La Casa di Hamamatsu sta raccogliendo in questo 2017 molto meno di quanto ci si potesse aspettare, ma il lavoro per cambiare questa situazione continua. La squadra che schiera la Suzuki GSX-RR in MotoGP è rimasta ad Aragon per una due giorni di test importante per tentare di finire bene la stagione e preparare al meglio la prossima. Sono scesi in pista sia Andrea Iannone che Alex Rins, che hanno testato nuove componenti ed una evoluzione del telaio per una moto che in alcune circostanze sembra lontana parente di quella che nel 2016 vinse con Vinales a Silverstone e raccolse diversi podi in stagione.

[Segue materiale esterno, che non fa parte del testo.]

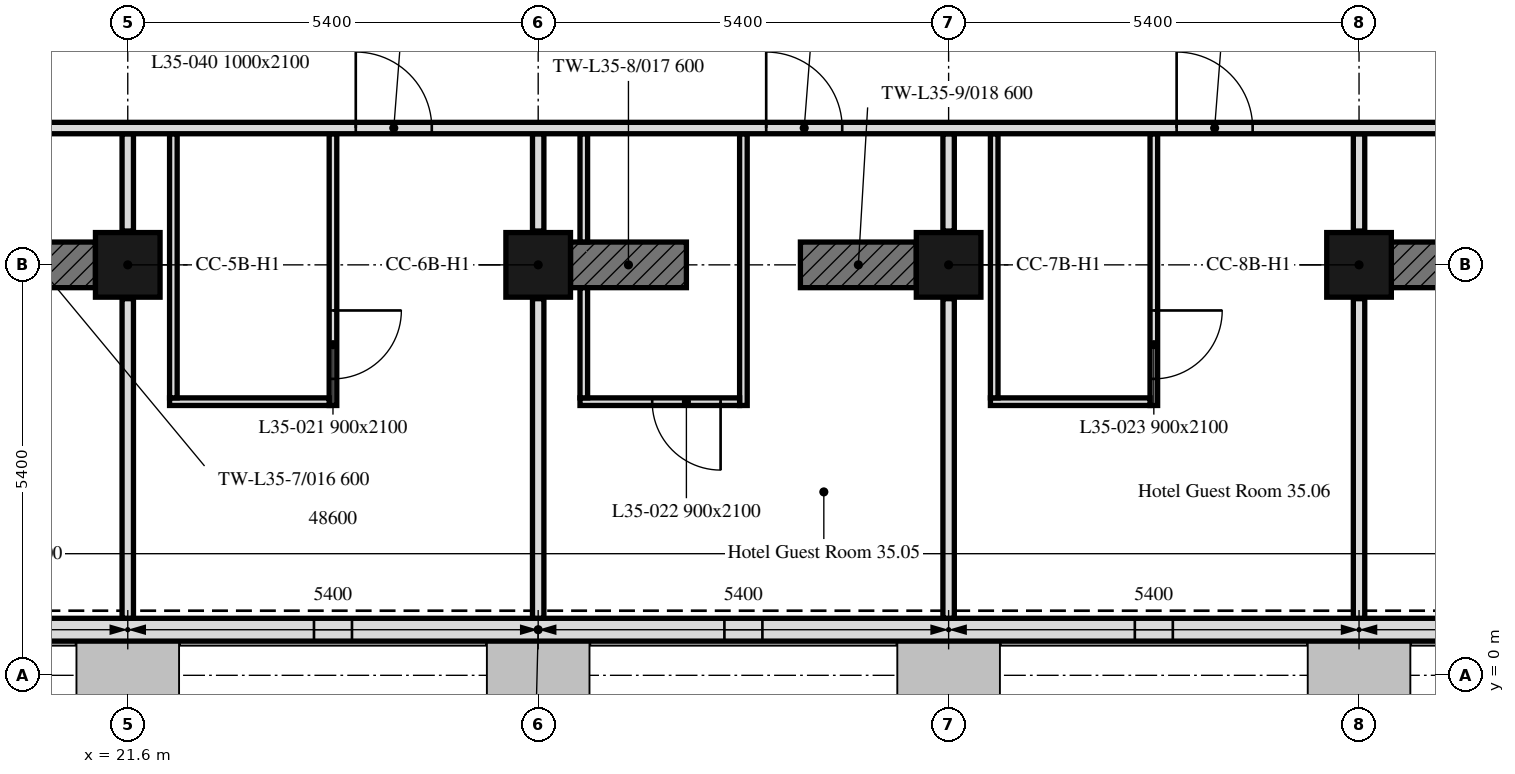
"""IFC4 building model, lengths in metres.
Left out: names, types, materials, properties, quantities, classifications, styles, units other than length and angle.
Written with IfcOpenShell. Run it as: python <this file> out.ifc"""

import sys

from ifc_helpers import new_model, si_unit, direction, frame, frame_2d, origin, origin_2d, place, context, subcontext, project, spatial, rectangle, extrude, element, fill, save


model = new_model("IFC4")
c1 = context("Model", 3, precision=1e-05, world=origin(), true_north=direction((0.0, 1.0)))
c2 = subcontext(c1, "Body", "Model", "MODEL_VIEW")
j1 = project(units=[si_unit("LENGTHUNIT", "METRE"), si_unit("PLANEANGLEUNIT", "RADIAN")], contexts=[c1])
p1 = place(None, origin())
s1 = spatial("IfcSite", under=j1, at=p1, CompositionType="ELEMENT")
p2 = place(p1, origin())
s2 = spatial("IfcBuilding", under=s1, at=p2, CompositionType="ELEMENT")
p3 = place(p2, frame((0.0, 0.0, 152.8)))
s3 = spatial("IfcBuildingStorey", under=s2, at=p3, CompositionType="ELEMENT", Elevation=152.8)
for number, where, z_axis, x_axis in (
    (1, (21.6, 5.4, 0.0), (0.0, 0.0, 1.0), (1.0, 0.0, 0.0)),
    (2, (27.0, 5.4, 0.0), (0.0, 0.0, 1.0), (1.0, 0.0, 0.0)),
    (3, (32.4, 5.4, 0.0), (0.0, 0.0, 1.0), (1.0, 0.0, 0.0)),
    (4, (37.8, 5.4, 0.0), (0.0, 0.0, 1.0), (1.0, 0.0, 0.0)),
):
    element("IfcColumn", number, at=place(p3, frame(where, z_axis=z_axis, x_axis=x_axis)), inside=s3, PredefinedType="COLUMN", context=c2, shape_type="SweptSolid", body=[
        extrude(rectangle(XDim=0.85, YDim=0.85, at=origin_2d()), origin(), (0.0, 0.0, 1.0), 3.0),
    ])
p4 = place(p3, frame((19.65, 5.4, 0.0), z_axis=(0.0, 0.0, 1.0), x_axis=(1.0, 0.0, 0.0)))
e5 = element("IfcWall", 5, at=p4, inside=s3, PredefinedType="SHEAR", context=c2, shape_type="SweptSolid", body=[
    extrude(rectangle(XDim=1.525, YDim=0.6, at=frame_2d((0.763, 0.0))), origin(), (0.0, 0.0, 1.0), 3.0),
])
p5 = place(p3, frame((27.425, 5.4, 0.0), z_axis=(0.0, 0.0, 1.0), x_axis=(1.0, 0.0, 0.0)))
e6 = element("IfcWall", 6, at=p5, inside=s3, PredefinedType="SHEAR", context=c2, shape_type="SweptSolid", body=[
    extrude(rectangle(XDim=1.525, YDim=0.6, at=frame_2d((0.762, 0.0))), origin(), (0.0, 0.0, 1.0), 3.0),
])
p6 = place(p3, frame((30.45, 5.4, 0.0), z_axis=(0.0, 0.0, 1.0), x_axis=(1.0, 0.0, 0.0)))
e7 = element("IfcWall", 7, at=p6, inside=s3, PredefinedType="SHEAR", context=c2, shape_type="SweptSolid", body=[
    extrude(rectangle(XDim=1.525, YDim=0.6, at=frame_2d((0.763, 0.0))), origin(), (0.0, 0.0, 1.0), 3.0),
])
p7 = place(p3, frame((38.225, 5.4, 0.0), z_axis=(0.0, 0.0, 1.0), x_axis=(1.0, 0.0, 0.0)))
e8 = element("IfcWall", 8, at=p7, inside=s3, PredefinedType="SHEAR", context=c2, shape_type="SweptSolid", body=[
    extrude(rectangle(XDim=1.737, YDim=0.6, at=frame_2d((0.869, 0.0))), origin(), (0.0, 0.0, 1.0), 3.0),
])
p8 = place(p3, frame((10.986, 0.6, 0.0), z_axis=(0.0, 0.0, 1.0), x_axis=(1.0, 0.0, 0.0)))
e9 = element("IfcWall", 9, at=p8, inside=s3, PredefinedType="SOLIDWALL", context=c2, shape_type="SweptSolid", body=[
    extrude(rectangle(XDim=32.027, YDim=0.3, at=frame_2d((16.014, 0.0))), origin(), (0.0, 0.0, 1.0), 3.0),
])
p9 = place(p8, frame((0.814, 0.0, 0.9)))
e10 = element("IfcOpeningElement", 10, at=p9, cuts=e9, PredefinedType="OPENING", context=c2, shape_type="SweptSolid", body=[
    extrude(rectangle(XDim=3.4, YDim=1.7, at=frame_2d((1.7, 0.85))), frame((0.0, 0.16, 0.0), z_axis=(0.0, -1.0, 0.0), x_axis=(1.0, 0.0, 0.0)), (0.0, 0.0, 1.0), 0.32),
])
p10 = place(p8, frame((7.664, 0.0, 0.9)))
e11 = element("IfcOpeningElement", 11, at=p10, cuts=e9, PredefinedType="OPENING", context=c2, shape_type="SweptSolid", body=[
    extrude(rectangle(XDim=0.5, YDim=1.7, at=frame_2d((0.25, 0.85))), frame((0.0, 0.16, 0.0), z_axis=(0.0, -1.0, 0.0), x_axis=(1.0, 0.0, 0.0)), (0.0, 0.0, 1.0), 0.32),
])
p11 = place(p8, frame((13.064, 0.0, 0.9)))
e12 = element("IfcOpeningElement", 12, at=p11, cuts=e9, PredefinedType="OPENING", context=c2, shape_type="SweptSolid", body=[
    extrude(rectangle(XDim=0.5, YDim=1.7, at=frame_2d((0.25, 0.85))), frame((0.0, 0.16, 0.0), z_axis=(0.0, -1.0, 0.0), x_axis=(1.0, 0.0, 0.0)), (0.0, 0.0, 1.0), 0.32),
])
p12 = place(p8, frame((18.464, 0.0, 0.9)))
e13 = element("IfcOpeningElement", 13, at=p12, cuts=e9, PredefinedType="OPENING", context=c2, shape_type="SweptSolid", body=[
    extrude(rectangle(XDim=0.5, YDim=1.7, at=frame_2d((0.25, 0.85))), frame((0.0, 0.16, 0.0), z_axis=(0.0, -1.0, 0.0), x_axis=(1.0, 0.0, 0.0)), (0.0, 0.0, 1.0), 0.32),
])
p13 = place(p8, frame((23.864, 0.0, 0.9)))
e14 = element("IfcOpeningElement", 14, at=p13, cuts=e9, PredefinedType="OPENING", context=c2, shape_type="SweptSolid", body=[
    extrude(rectangle(XDim=0.5, YDim=1.7, at=frame_2d((0.25, 0.85))), frame((0.0, 0.16, 0.0), z_axis=(0.0, -1.0, 0.0), x_axis=(1.0, 0.0, 0.0)), (0.0, 0.0, 1.0), 0.32),
])
p14 = place(p8, frame((28.164, 0.0, 0.9)))
e15 = element("IfcOpeningElement", 15, at=p14, cuts=e9, PredefinedType="OPENING", context=c2, shape_type="SweptSolid", body=[
    extrude(rectangle(XDim=1.1, YDim=1.7, at=frame_2d((0.55, 0.85))), frame((0.0, 0.16, 0.0), z_axis=(0.0, -1.0, 0.0), x_axis=(1.0, 0.0, 0.0)), (0.0, 0.0, 1.0), 0.32),
])
p15 = place(p3, frame((21.6, 0.751, 0.0), z_axis=(0.0, 0.0, 1.0), x_axis=(0.0, 1.0, 0.0)))
e16 = element("IfcWall", 16, at=p15, inside=s3, PredefinedType="PARTITIONING", context=c2, shape_type="SweptSolid", body=[
    extrude(rectangle(XDim=4.204, YDim=0.15, at=frame_2d((2.102, 0.0))), origin(), (0.0, 0.0, 1.0), 2.4),
])
p16 = place(p3, frame((21.6, 5.845, 0.0), z_axis=(0.0, 0.0, 1.0), x_axis=(0.0, 1.0, 0.0)))
e17 = element("IfcWall", 17, at=p16, inside=s3, PredefinedType="PARTITIONING", context=c2, shape_type="SweptSolid", body=[
    extrude(rectangle(XDim=1.28, YDim=0.15, at=frame_2d((0.64, 0.0))), origin(), (0.0, 0.0, 1.0), 2.4),
])
p17 = place(p3, frame((27.0, 0.751, 0.0), z_axis=(0.0, 0.0, 1.0), x_axis=(0.0, 1.0, 0.0)))
e18 = element("IfcWall", 18, at=p17, inside=s3, PredefinedType="PARTITIONING", context=c2, shape_type="SweptSolid", body=[
    extrude(rectangle(XDim=4.204, YDim=0.15, at=frame_2d((2.102, 0.0))), origin(), (0.0, 0.0, 1.0), 2.4),
])
p18 = place(p3, frame((27.0, 5.845, 0.0), z_axis=(0.0, 0.0, 1.0), x_axis=(0.0, 1.0, 0.0)))
e19 = element("IfcWall", 19, at=p18, inside=s3, PredefinedType="PARTITIONING", context=c2, shape_type="SweptSolid", body=[
    extrude(rectangle(XDim=1.28, YDim=0.15, at=frame_2d((0.64, 0.0))), origin(), (0.0, 0.0, 1.0), 2.4),
])
p19 = place(p3, frame((24.3, 7.125, 0.0), z_axis=(0.0, 0.0, 1.0), x_axis=(0.0, -1.0, 0.0)))
e20 = element("IfcWall", 20, at=p19, inside=s3, PredefinedType="PARTITIONING", context=c2, shape_type="SweptSolid", body=[
    extrude(rectangle(XDim=3.575, YDim=0.1, at=frame_2d((1.788, 0.0))), origin(), (0.0, 0.0, 1.0), 3.0),
])
p20 = place(p19, frame((2.325, 0.0, 0.0)))
e21 = element("IfcOpeningElement", 21, at=p20, cuts=e20, PredefinedType="OPENING", context=c2, shape_type="SweptSolid", body=[
    extrude(rectangle(XDim=0.9, YDim=2.1, at=frame_2d((0.45, 1.05))), frame((0.0, 0.05, 0.0), z_axis=(0.0, -1.0, 0.0), x_axis=(1.0, 0.0, 0.0)), (0.0, 0.0, 1.0), 0.1),
])
p21 = place(p3, frame((24.25, 3.6, 0.0), z_axis=(0.0, 0.0, 1.0), x_axis=(-1.0, 0.0, 0.0)))
e22 = element("IfcWall", 22, at=p21, inside=s3, PredefinedType="PARTITIONING", context=c2, shape_type="SweptSolid", body=[
    extrude(rectangle(XDim=2.1, YDim=0.1, at=frame_2d((1.05, 0.0))), origin(), (0.0, 0.0, 1.0), 3.0),
])
p22 = place(p3, frame((22.2, 3.65, 0.0), z_axis=(0.0, 0.0, 1.0), x_axis=(0.0, 1.0, 0.0)))
e23 = element("IfcWall", 23, at=p22, inside=s3, PredefinedType="PARTITIONING", context=c2, shape_type="SweptSolid", body=[
    extrude(rectangle(XDim=3.475, YDim=0.1, at=frame_2d((1.738, 0.0))), origin(), (0.0, 0.0, 1.0), 3.0),
])
p23 = place(p3, frame((32.4, 0.751, 0.0), z_axis=(0.0, 0.0, 1.0), x_axis=(0.0, 1.0, 0.0)))
e24 = element("IfcWall", 24, at=p23, inside=s3, PredefinedType="PARTITIONING", context=c2, shape_type="SweptSolid", body=[
    extrude(rectangle(XDim=4.204, YDim=0.15, at=frame_2d((2.102, 0.0))), origin(), (0.0, 0.0, 1.0), 2.4),
])
p24 = place(p3, frame((32.4, 5.845, 0.0), z_axis=(0.0, 0.0, 1.0), x_axis=(0.0, 1.0, 0.0)))
e25 = element("IfcWall", 25, at=p24, inside=s3, PredefinedType="PARTITIONING", context=c2, shape_type="SweptSolid", body=[
    extrude(rectangle(XDim=1.28, YDim=0.15, at=frame_2d((0.64, 0.0))), origin(), (0.0, 0.0, 1.0), 2.4),
])
p25 = place(p3, frame((29.7, 7.125, 0.0), z_axis=(0.0, 0.0, 1.0), x_axis=(0.0, -1.0, 0.0)))
e26 = element("IfcWall", 26, at=p25, inside=s3, PredefinedType="PARTITIONING", context=c2, shape_type="SweptSolid", body=[
    extrude(rectangle(XDim=3.575, YDim=0.1, at=frame_2d((1.788, 0.0))), origin(), (0.0, 0.0, 1.0), 3.0),
])
p26 = place(p3, frame((29.65, 3.6, 0.0), z_axis=(0.0, 0.0, 1.0), x_axis=(-1.0, 0.0, 0.0)))
e27 = element("IfcWall", 27, at=p26, inside=s3, PredefinedType="PARTITIONING", context=c2, shape_type="SweptSolid", body=[
    extrude(rectangle(XDim=2.1, YDim=0.1, at=frame_2d((1.05, 0.0))), origin(), (0.0, 0.0, 1.0), 3.0),
])
p27 = place(p26, frame((0.25, 0.0, 0.0)))
e28 = element("IfcOpeningElement", 28, at=p27, cuts=e27, PredefinedType="OPENING", context=c2, shape_type="SweptSolid", body=[
    extrude(rectangle(XDim=0.9, YDim=2.1, at=frame_2d((0.45, 1.05))), frame((0.0, 0.05, 0.0), z_axis=(0.0, -1.0, 0.0), x_axis=(1.0, 0.0, 0.0)), (0.0, 0.0, 1.0), 0.1),
])
p28 = place(p3, frame((27.6, 3.65, 0.0), z_axis=(0.0, 0.0, 1.0), x_axis=(0.0, 1.0, 0.0)))
e29 = element("IfcWall", 29, at=p28, inside=s3, PredefinedType="PARTITIONING", context=c2, shape_type="SweptSolid", body=[
    extrude(rectangle(XDim=1.449, YDim=0.1, at=frame_2d((0.725, 0.0))), origin(), (0.0, 0.0, 1.0), 3.0),
])
p29 = place(p3, frame((27.6, 5.701, 0.0), z_axis=(0.0, 0.0, 1.0), x_axis=(0.0, 1.0, 0.0)))
e30 = element("IfcWall", 30, at=p29, inside=s3, PredefinedType="PARTITIONING", context=c2, shape_type="SweptSolid", body=[
    extrude(rectangle(XDim=1.424, YDim=0.1, at=frame_2d((0.712, 0.0))), origin(), (0.0, 0.0, 1.0), 3.0),
])
p30 = place(p3, frame((37.8, 0.751, 0.0), z_axis=(0.0, 0.0, 1.0), x_axis=(0.0, 1.0, 0.0)))
e31 = element("IfcWall", 31, at=p30, inside=s3, PredefinedType="PARTITIONING", context=c2, shape_type="SweptSolid", body=[
    extrude(rectangle(XDim=4.204, YDim=0.15, at=frame_2d((2.102, 0.0))), origin(), (0.0, 0.0, 1.0), 2.4),
])
p31 = place(p3, frame((37.8, 5.845, 0.0), z_axis=(0.0, 0.0, 1.0), x_axis=(0.0, 1.0, 0.0)))
e32 = element("IfcWall", 32, at=p31, inside=s3, PredefinedType="PARTITIONING", context=c2, shape_type="SweptSolid", body=[
    extrude(rectangle(XDim=1.28, YDim=0.15, at=frame_2d((0.64, 0.0))), origin(), (0.0, 0.0, 1.0), 2.4),
])
p32 = place(p3, frame((35.1, 7.125, 0.0), z_axis=(0.0, 0.0, 1.0), x_axis=(0.0, -1.0, 0.0)))
e33 = element("IfcWall", 33, at=p32, inside=s3, PredefinedType="PARTITIONING", context=c2, shape_type="SweptSolid", body=[
    extrude(rectangle(XDim=3.575, YDim=0.1, at=frame_2d((1.788, 0.0))), origin(), (0.0, 0.0, 1.0), 3.0),
])
p33 = place(p32, frame((2.325, 0.0, 0.0)))
e34 = element("IfcOpeningElement", 34, at=p33, cuts=e33, PredefinedType="OPENING", context=c2, shape_type="SweptSolid", body=[
    extrude(rectangle(XDim=0.9, YDim=2.1, at=frame_2d((0.45, 1.05))), frame((0.0, 0.05, 0.0), z_axis=(0.0, -1.0, 0.0), x_axis=(1.0, 0.0, 0.0)), (0.0, 0.0, 1.0), 0.1),
])
p34 = place(p3, frame((35.05, 3.6, 0.0), z_axis=(0.0, 0.0, 1.0), x_axis=(-1.0, 0.0, 0.0)))
e35 = element("IfcWall", 35, at=p34, inside=s3, PredefinedType="PARTITIONING", context=c2, shape_type="SweptSolid", body=[
    extrude(rectangle(XDim=2.1, YDim=0.1, at=frame_2d((1.05, 0.0))), origin(), (0.0, 0.0, 1.0), 3.0),
])
p35 = place(p3, frame((33.0, 3.65, 0.0), z_axis=(0.0, 0.0, 1.0), x_axis=(0.0, 1.0, 0.0)))
e36 = element("IfcWall", 36, at=p35, inside=s3, PredefinedType="PARTITIONING", context=c2, shape_type="SweptSolid", body=[
    extrude(rectangle(XDim=3.475, YDim=0.1, at=frame_2d((1.738, 0.0))), origin(), (0.0, 0.0, 1.0), 3.0),
])
p36 = place(p3, frame((6.151, 7.2, 0.0), z_axis=(0.0, 0.0, 1.0), x_axis=(1.0, 0.0, 0.0)))
e37 = element("IfcWall", 37, at=p36, inside=s3, PredefinedType="PARTITIONING", context=c2, shape_type="SweptSolid", body=[
    extrude(rectangle(XDim=41.698, YDim=0.15, at=frame_2d((20.849, 0.0))), origin(), (0.0, 0.0, 1.0), 2.4),
])
p37 = place(p36, frame((2.249, 0.0, 0.0)))
e38 = element("IfcOpeningElement", 38, at=p37, cuts=e37, PredefinedType="OPENING", context=c2, shape_type="SweptSolid", body=[
    extrude(rectangle(XDim=1.0, YDim=2.1, at=frame_2d((0.5, 1.05))), frame((0.0, 0.075, 0.0), z_axis=(0.0, -1.0, 0.0), x_axis=(1.0, 0.0, 0.0)), (0.0, 0.0, 1.0), 0.15),
])
p38 = place(p36, frame((7.649, 0.0, 0.0)))
e39 = element("IfcOpeningElement", 39, at=p38, cuts=e37, PredefinedType="OPENING", context=c2, shape_type="SweptSolid", body=[
    extrude(rectangle(XDim=1.0, YDim=2.1, at=frame_2d((0.5, 1.05))), frame((0.0, 0.075, 0.0), z_axis=(0.0, -1.0, 0.0), x_axis=(1.0, 0.0, 0.0)), (0.0, 0.0, 1.0), 0.15),
])
p39 = place(p36, frame((13.049, 0.0, 0.0)))
e40 = element("IfcOpeningElement", 40, at=p39, cuts=e37, PredefinedType="OPENING", context=c2, shape_type="SweptSolid", body=[
    extrude(rectangle(XDim=1.0, YDim=2.1, at=frame_2d((0.5, 1.05))), frame((0.0, 0.075, 0.0), z_axis=(0.0, -1.0, 0.0), x_axis=(1.0, 0.0, 0.0)), (0.0, 0.0, 1.0), 0.15),
])
p40 = place(p36, frame((18.449, 0.0, 0.0)))
e41 = element("IfcOpeningElement", 41, at=p40, cuts=e37, PredefinedType="OPENING", context=c2, shape_type="SweptSolid", body=[
    extrude(rectangle(XDim=1.0, YDim=2.1, at=frame_2d((0.5, 1.05))), frame((0.0, 0.075, 0.0), z_axis=(0.0, -1.0, 0.0), x_axis=(1.0, 0.0, 0.0)), (0.0, 0.0, 1.0), 0.15),
])
p41 = place(p36, frame((23.849, 0.0, 0.0)))
e42 = element("IfcOpeningElement", 42, at=p41, cuts=e37, PredefinedType="OPENING", context=c2, shape_type="SweptSolid", body=[
    extrude(rectangle(XDim=1.0, YDim=2.1, at=frame_2d((0.5, 1.05))), frame((0.0, 0.075, 0.0), z_axis=(0.0, -1.0, 0.0), x_axis=(1.0, 0.0, 0.0)), (0.0, 0.0, 1.0), 0.15),
])
p42 = place(p36, frame((29.249, 0.0, 0.0)))
e43 = element("IfcOpeningElement", 43, at=p42, cuts=e37, PredefinedType="OPENING", context=c2, shape_type="SweptSolid", body=[
    extrude(rectangle(XDim=1.0, YDim=2.1, at=frame_2d((0.5, 1.05))), frame((0.0, 0.075, 0.0), z_axis=(0.0, -1.0, 0.0), x_axis=(1.0, 0.0, 0.0)), (0.0, 0.0, 1.0), 0.15),
])
p43 = place(p36, frame((37.954, 0.0, 0.0)))
e44 = element("IfcOpeningElement", 44, at=p43, cuts=e37, PredefinedType="OPENING", context=c2, shape_type="SweptSolid", body=[
    extrude(rectangle(XDim=1.0, YDim=2.1, at=frame_2d((0.5, 1.05))), frame((0.0, 0.075, 0.0), z_axis=(0.0, -1.0, 0.0), x_axis=(1.0, 0.0, 0.0)), (0.0, 0.0, 1.0), 0.15),
])
p44 = place(p11, origin())
e45 = element("IfcWindow", 45, at=p44, inside=s3, PartitioningType="SINGLE_PANEL", PredefinedType="WINDOW", context=c2, shape_type="SweptSolid", body=[
    extrude(rectangle(XDim=0.5, YDim=1.7, at=frame_2d((0.25, 0.85))), frame((0.0, 0.03, 0.0), z_axis=(0.0, -1.0, 0.0), x_axis=(1.0, 0.0, 0.0)), (0.0, 0.0, 1.0), 0.06),
])
fill(e12, e45)
p45 = place(p12, origin())
e46 = element("IfcWindow", 46, at=p45, inside=s3, PartitioningType="SINGLE_PANEL", PredefinedType="WINDOW", context=c2, shape_type="SweptSolid", body=[
    extrude(rectangle(XDim=0.5, YDim=1.7, at=frame_2d((0.25, 0.85))), frame((0.0, 0.03, 0.0), z_axis=(0.0, -1.0, 0.0), x_axis=(1.0, 0.0, 0.0)), (0.0, 0.0, 1.0), 0.06),
])
fill(e13, e46)
p46 = place(p13, origin())
e47 = element("IfcWindow", 47, at=p46, inside=s3, PartitioningType="SINGLE_PANEL", PredefinedType="WINDOW", context=c2, shape_type="SweptSolid", body=[
    extrude(rectangle(XDim=0.5, YDim=1.7, at=frame_2d((0.25, 0.85))), frame((0.0, 0.03, 0.0), z_axis=(0.0, -1.0, 0.0), x_axis=(1.0, 0.0, 0.0)), (0.0, 0.0, 1.0), 0.06),
])
fill(e14, e47)
p47 = place(p20, origin())
e48 = element("IfcDoor", 48, at=p47, inside=s3, OperationType="SINGLE_SWING_RIGHT", PredefinedType="DOOR", context=c2, shape_type="SweptSolid", body=[
    extrude(rectangle(XDim=0.9, YDim=2.1, at=frame_2d((0.45, 1.05))), frame((0.0, 0.025, 0.0), z_axis=(0.0, -1.0, 0.0), x_axis=(1.0, 0.0, 0.0)), (0.0, 0.0, 1.0), 0.05),
])
fill(e21, e48)
p48 = place(p27, origin())
e49 = element("IfcDoor", 49, at=p48, inside=s3, OperationType="SINGLE_SWING_LEFT", PredefinedType="DOOR", context=c2, shape_type="SweptSolid", body=[
    extrude(rectangle(XDim=0.9, YDim=2.1, at=frame_2d((0.45, 1.05))), frame((0.0, 0.025, 0.0), z_axis=(0.0, -1.0, 0.0), x_axis=(1.0, 0.0, 0.0)), (0.0, 0.0, 1.0), 0.05),
])
fill(e28, e49)
p49 = place(p33, origin())
e50 = element("IfcDoor", 50, at=p49, inside=s3, OperationType="SINGLE_SWING_LEFT", PredefinedType="DOOR", context=c2, shape_type="SweptSolid", body=[
    extrude(rectangle(XDim=0.9, YDim=2.1, at=frame_2d((0.45, 1.05))), frame((0.0, 0.025, 0.0), z_axis=(0.0, -1.0, 0.0), x_axis=(1.0, 0.0, 0.0)), (0.0, 0.0, 1.0), 0.05),
])
fill(e34, e50)
p50 = place(p40, origin())
e51 = element("IfcDoor", 51, at=p50, inside=s3, OperationType="SINGLE_SWING_LEFT", PredefinedType="DOOR", context=c2, shape_type="SweptSolid", body=[
    extrude(rectangle(XDim=1.0, YDim=2.1, at=frame_2d((0.5, 1.05))), frame((0.0, 0.025, 0.0), z_axis=(0.0, -1.0, 0.0), x_axis=(1.0, 0.0, 0.0)), (0.0, 0.0, 1.0), 0.05),
])
fill(e41, e51)
p51 = place(p41, origin())
e52 = element("IfcDoor", 52, at=p51, inside=s3, OperationType="SINGLE_SWING_LEFT", PredefinedType="DOOR", context=c2, shape_type="SweptSolid", body=[
    extrude(rectangle(XDim=1.0, YDim=2.1, at=frame_2d((0.5, 1.05))), frame((0.0, 0.025, 0.0), z_axis=(0.0, -1.0, 0.0), x_axis=(1.0, 0.0, 0.0)), (0.0, 0.0, 1.0), 0.05),
])
fill(e42, e52)
p52 = place(p42, origin())
e53 = element("IfcDoor", 53, at=p52, inside=s3, OperationType="SINGLE_SWING_RIGHT", PredefinedType="DOOR", context=c2, shape_type="SweptSolid", body=[
    extrude(rectangle(XDim=1.0, YDim=2.1, at=frame_2d((0.5, 1.05))), frame((0.0, 0.025, 0.0), z_axis=(0.0, -1.0, 0.0), x_axis=(1.0, 0.0, 0.0)), (0.0, 0.0, 1.0), 0.05),
])
fill(e43, e53)
save(model, sys.argv[1])

Davide Brivio sta lavorando per tenere unita la squadra e risalire la china, e qualche segno positivo si inizia finalmente ad intravedere. Iannone sta lentamente ritrovando confidenza con la moto, mentre Rins si è finalmente messo alle spalle i due infortuni che hanno reso complessa la prima fase di apprendistato in sella alla MotoGP, e spesso sta mostrando di essere veloce almeno quanto il più blasonato compagno di squadra. Il manager italiano ha commentato così il test di Aragon: «Siamo soddisfatti di questa due giorni di test, lontano dalla pressione del weekend di gara. Abbiamo potuto rimettere alla prova dei componenti già testati in precedenza ed anche sperimentato dei nuovi pezzi». Brivio ha spiegato nel dettaglio quale fosse lo scopo di questi test e tutto il lavoro: «Il meteo ad Aragon è stato perfetto e questo ci ha permesso di provare a lungo nuove configurazioni che potremmo utilizzare nelle ultime gare della stagione, ed anche nuovi pezzi che andranno sulla moto del 2018, che avremo pronta per il test di novembre a Valencia. Lì avremo da testare la moto in configurazione completa 2018, e sarà una evoluzione dell’attuale GSX-RR e non un progetto completamente nuovo. Qui ad Aragon abbiamo testato per la prima volta alcune novità e siamo stati in grado di dare un feedback agli ingegneri. Penso sia corretto dire che abbiamo lavorato con un occhio alla fine di questa stagione ed uno alla prossima. Naturalmente, questi test sono anche molto importanti per i piloti: Alez sta recuperando sempre più esperienza e Andrea sta migliorando il feeling con la moto»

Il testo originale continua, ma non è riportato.